SoSo pünktlich aus der Abfertigungshalle. Wir fahren nach Rendsburg, wo wir uns in der Pizzapension eingemietet haben für zwei Nächte, in der wir schon letztes Jahr logierten. Übernachtung und Freipizza für nicht allzu teuer. Gestern bummeln durch Tag und Stadt. Ein Artwalk. Leckeis. Throwing Time Away, säuselt der Refrain eines Lieds in meinem Hinterkopf, ich glaube von einer Band namens Pere Ubu. Tot.
Per Telefon schlagen Sorgen ein. Meteore aus der Kälte, die mir nun den Nachtschlaf rauben. Schatz, ich bin zu Hause. Der Liveblogbericht „Ums Meer“ ist zu Ende. Vielleicht ist auch die Reise „Ums Meer“ zu Ende? Kann ich noch einmal einsteigen und im Schnellleben wie es die letzten Tage stattgefunden hat, wenigstens die Kunststraße zu Ende fotografieren?
Never skip an open end.
Der wievielte Reisetag? Ich muss im Blog nachschlagen. Tag 102. Die Stadt erwacht.

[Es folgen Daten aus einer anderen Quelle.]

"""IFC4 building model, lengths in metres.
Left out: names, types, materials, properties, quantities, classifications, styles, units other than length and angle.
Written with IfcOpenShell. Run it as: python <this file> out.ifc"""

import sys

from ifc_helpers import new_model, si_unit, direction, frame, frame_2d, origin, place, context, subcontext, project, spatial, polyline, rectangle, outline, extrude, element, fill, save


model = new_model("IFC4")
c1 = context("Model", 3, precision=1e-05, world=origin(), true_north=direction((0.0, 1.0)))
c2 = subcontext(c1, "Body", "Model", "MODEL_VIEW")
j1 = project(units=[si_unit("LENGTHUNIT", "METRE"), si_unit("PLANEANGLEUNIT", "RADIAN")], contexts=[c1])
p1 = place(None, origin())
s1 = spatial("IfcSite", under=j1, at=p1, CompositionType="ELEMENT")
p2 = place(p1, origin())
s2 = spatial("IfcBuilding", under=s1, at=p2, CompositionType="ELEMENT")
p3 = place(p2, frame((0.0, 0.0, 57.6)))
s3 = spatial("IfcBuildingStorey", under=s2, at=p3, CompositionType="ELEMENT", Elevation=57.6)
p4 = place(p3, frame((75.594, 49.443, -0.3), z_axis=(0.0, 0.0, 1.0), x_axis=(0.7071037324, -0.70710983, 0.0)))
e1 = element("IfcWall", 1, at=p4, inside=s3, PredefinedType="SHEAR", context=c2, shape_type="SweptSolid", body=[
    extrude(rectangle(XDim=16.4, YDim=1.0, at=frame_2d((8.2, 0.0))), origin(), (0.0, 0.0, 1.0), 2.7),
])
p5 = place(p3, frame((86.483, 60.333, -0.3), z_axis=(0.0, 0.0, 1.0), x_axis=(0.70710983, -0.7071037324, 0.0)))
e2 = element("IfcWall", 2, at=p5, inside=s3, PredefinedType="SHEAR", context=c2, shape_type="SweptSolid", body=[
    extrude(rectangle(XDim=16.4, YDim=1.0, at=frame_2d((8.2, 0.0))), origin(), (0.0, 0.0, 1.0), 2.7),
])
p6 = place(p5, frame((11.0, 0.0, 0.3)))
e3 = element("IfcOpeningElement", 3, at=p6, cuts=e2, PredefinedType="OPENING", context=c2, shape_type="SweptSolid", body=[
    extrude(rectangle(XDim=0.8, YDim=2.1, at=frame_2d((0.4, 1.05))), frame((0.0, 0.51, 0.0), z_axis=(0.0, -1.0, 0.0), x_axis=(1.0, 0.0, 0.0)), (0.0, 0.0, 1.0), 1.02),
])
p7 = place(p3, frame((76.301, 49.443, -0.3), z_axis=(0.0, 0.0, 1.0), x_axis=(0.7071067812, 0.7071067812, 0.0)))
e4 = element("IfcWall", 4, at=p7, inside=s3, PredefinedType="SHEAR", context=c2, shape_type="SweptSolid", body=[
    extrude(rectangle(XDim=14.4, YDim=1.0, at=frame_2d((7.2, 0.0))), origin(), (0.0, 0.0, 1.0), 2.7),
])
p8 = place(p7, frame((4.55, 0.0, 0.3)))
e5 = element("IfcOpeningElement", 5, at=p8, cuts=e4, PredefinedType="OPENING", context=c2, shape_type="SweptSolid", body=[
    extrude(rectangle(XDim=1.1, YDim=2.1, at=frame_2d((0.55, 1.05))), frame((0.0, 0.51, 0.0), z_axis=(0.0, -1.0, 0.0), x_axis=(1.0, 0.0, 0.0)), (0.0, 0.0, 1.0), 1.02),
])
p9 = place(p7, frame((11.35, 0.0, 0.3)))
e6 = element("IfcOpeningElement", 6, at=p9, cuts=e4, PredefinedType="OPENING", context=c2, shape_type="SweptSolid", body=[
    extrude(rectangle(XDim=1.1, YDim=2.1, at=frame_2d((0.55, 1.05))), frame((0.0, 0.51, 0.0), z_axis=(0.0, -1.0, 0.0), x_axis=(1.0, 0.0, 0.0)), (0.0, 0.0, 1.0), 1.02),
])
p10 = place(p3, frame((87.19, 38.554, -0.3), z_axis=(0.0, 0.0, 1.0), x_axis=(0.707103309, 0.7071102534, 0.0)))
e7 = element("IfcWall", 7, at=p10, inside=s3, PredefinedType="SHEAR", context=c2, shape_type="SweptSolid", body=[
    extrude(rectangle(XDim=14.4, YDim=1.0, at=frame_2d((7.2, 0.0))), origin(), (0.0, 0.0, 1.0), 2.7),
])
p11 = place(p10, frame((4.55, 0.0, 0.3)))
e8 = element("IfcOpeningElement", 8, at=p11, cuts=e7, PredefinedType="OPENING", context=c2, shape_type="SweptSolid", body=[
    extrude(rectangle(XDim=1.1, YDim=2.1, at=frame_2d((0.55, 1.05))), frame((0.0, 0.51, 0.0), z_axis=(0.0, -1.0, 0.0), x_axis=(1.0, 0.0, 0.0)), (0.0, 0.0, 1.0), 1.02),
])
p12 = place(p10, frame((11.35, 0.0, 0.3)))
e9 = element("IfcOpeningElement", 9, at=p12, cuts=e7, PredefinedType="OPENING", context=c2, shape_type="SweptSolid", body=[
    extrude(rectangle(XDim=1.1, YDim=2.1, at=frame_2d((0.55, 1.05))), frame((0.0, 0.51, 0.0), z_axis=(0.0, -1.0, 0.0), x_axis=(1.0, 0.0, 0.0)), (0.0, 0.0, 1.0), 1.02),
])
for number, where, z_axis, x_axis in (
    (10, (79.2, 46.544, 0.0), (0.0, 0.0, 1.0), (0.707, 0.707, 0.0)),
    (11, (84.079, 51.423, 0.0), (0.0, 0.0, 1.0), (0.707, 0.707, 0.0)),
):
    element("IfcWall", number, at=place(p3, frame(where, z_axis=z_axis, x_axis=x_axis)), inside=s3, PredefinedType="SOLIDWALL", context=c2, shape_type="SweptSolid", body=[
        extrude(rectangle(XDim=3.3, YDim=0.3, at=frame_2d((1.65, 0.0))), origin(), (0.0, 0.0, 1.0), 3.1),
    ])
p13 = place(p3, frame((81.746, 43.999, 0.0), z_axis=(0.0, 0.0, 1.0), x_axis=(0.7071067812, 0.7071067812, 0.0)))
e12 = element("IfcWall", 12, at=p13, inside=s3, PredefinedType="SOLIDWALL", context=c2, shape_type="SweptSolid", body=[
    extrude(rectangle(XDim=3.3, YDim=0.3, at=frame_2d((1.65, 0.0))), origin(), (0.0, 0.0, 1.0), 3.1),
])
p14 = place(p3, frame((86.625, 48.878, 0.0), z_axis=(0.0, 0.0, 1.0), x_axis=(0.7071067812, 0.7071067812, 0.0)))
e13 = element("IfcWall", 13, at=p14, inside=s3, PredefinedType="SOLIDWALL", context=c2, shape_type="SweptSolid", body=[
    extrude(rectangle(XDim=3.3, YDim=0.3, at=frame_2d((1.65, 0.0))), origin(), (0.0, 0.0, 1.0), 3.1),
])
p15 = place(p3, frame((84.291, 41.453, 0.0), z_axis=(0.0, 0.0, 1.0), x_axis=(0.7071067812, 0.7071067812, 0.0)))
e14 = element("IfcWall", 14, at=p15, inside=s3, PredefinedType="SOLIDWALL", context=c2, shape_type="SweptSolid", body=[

Lieber Irgendlink, willkommen zurück in der Welt der überdachten Unterkünfte und tickenden Armbanduhren. Es ist großartig und spektakulär, was du geschafft hast und ich habe dich manches Mal in Gedanken begleitet, wenn ich am liebsten alles hinter mir lassen wollte, wenigstens für eine Weile. Nun, die einen träumen davon, die anderen tun’s. Respekt vor deinem Mut und Durchhalten, auch wenn deine Rückkehr offenbar zwiespältige Gefühle auslöst. Erhol dich gut von deiner Erschöpfung, sei stolz auf dich! Gratulation zum Abschluss dieser ungewöhnlichen Reise. :-)
noch ist alles offen… so lese ich es wenigstens, wäre doch gut die Kunststraße zuende zu führen oder nicht?
eine gute Zeit dir und SoSo
Ach Irgendlink. Noch glaube ich nicht an das Ende – denn das Ende ist erst, wenn es Gut ist, oder?
Aber: ehrlich gesagt macht mich der Schluß des Textes trotzdem so abschiedstraurig … Die Andeutung einer Träne begleitet Dich und Deine Liebste in eurem Urlaub. Und ganz viele gute Wünsche.
Emil, die guten Wünsche kann ich gut brauchen. Danke dafür.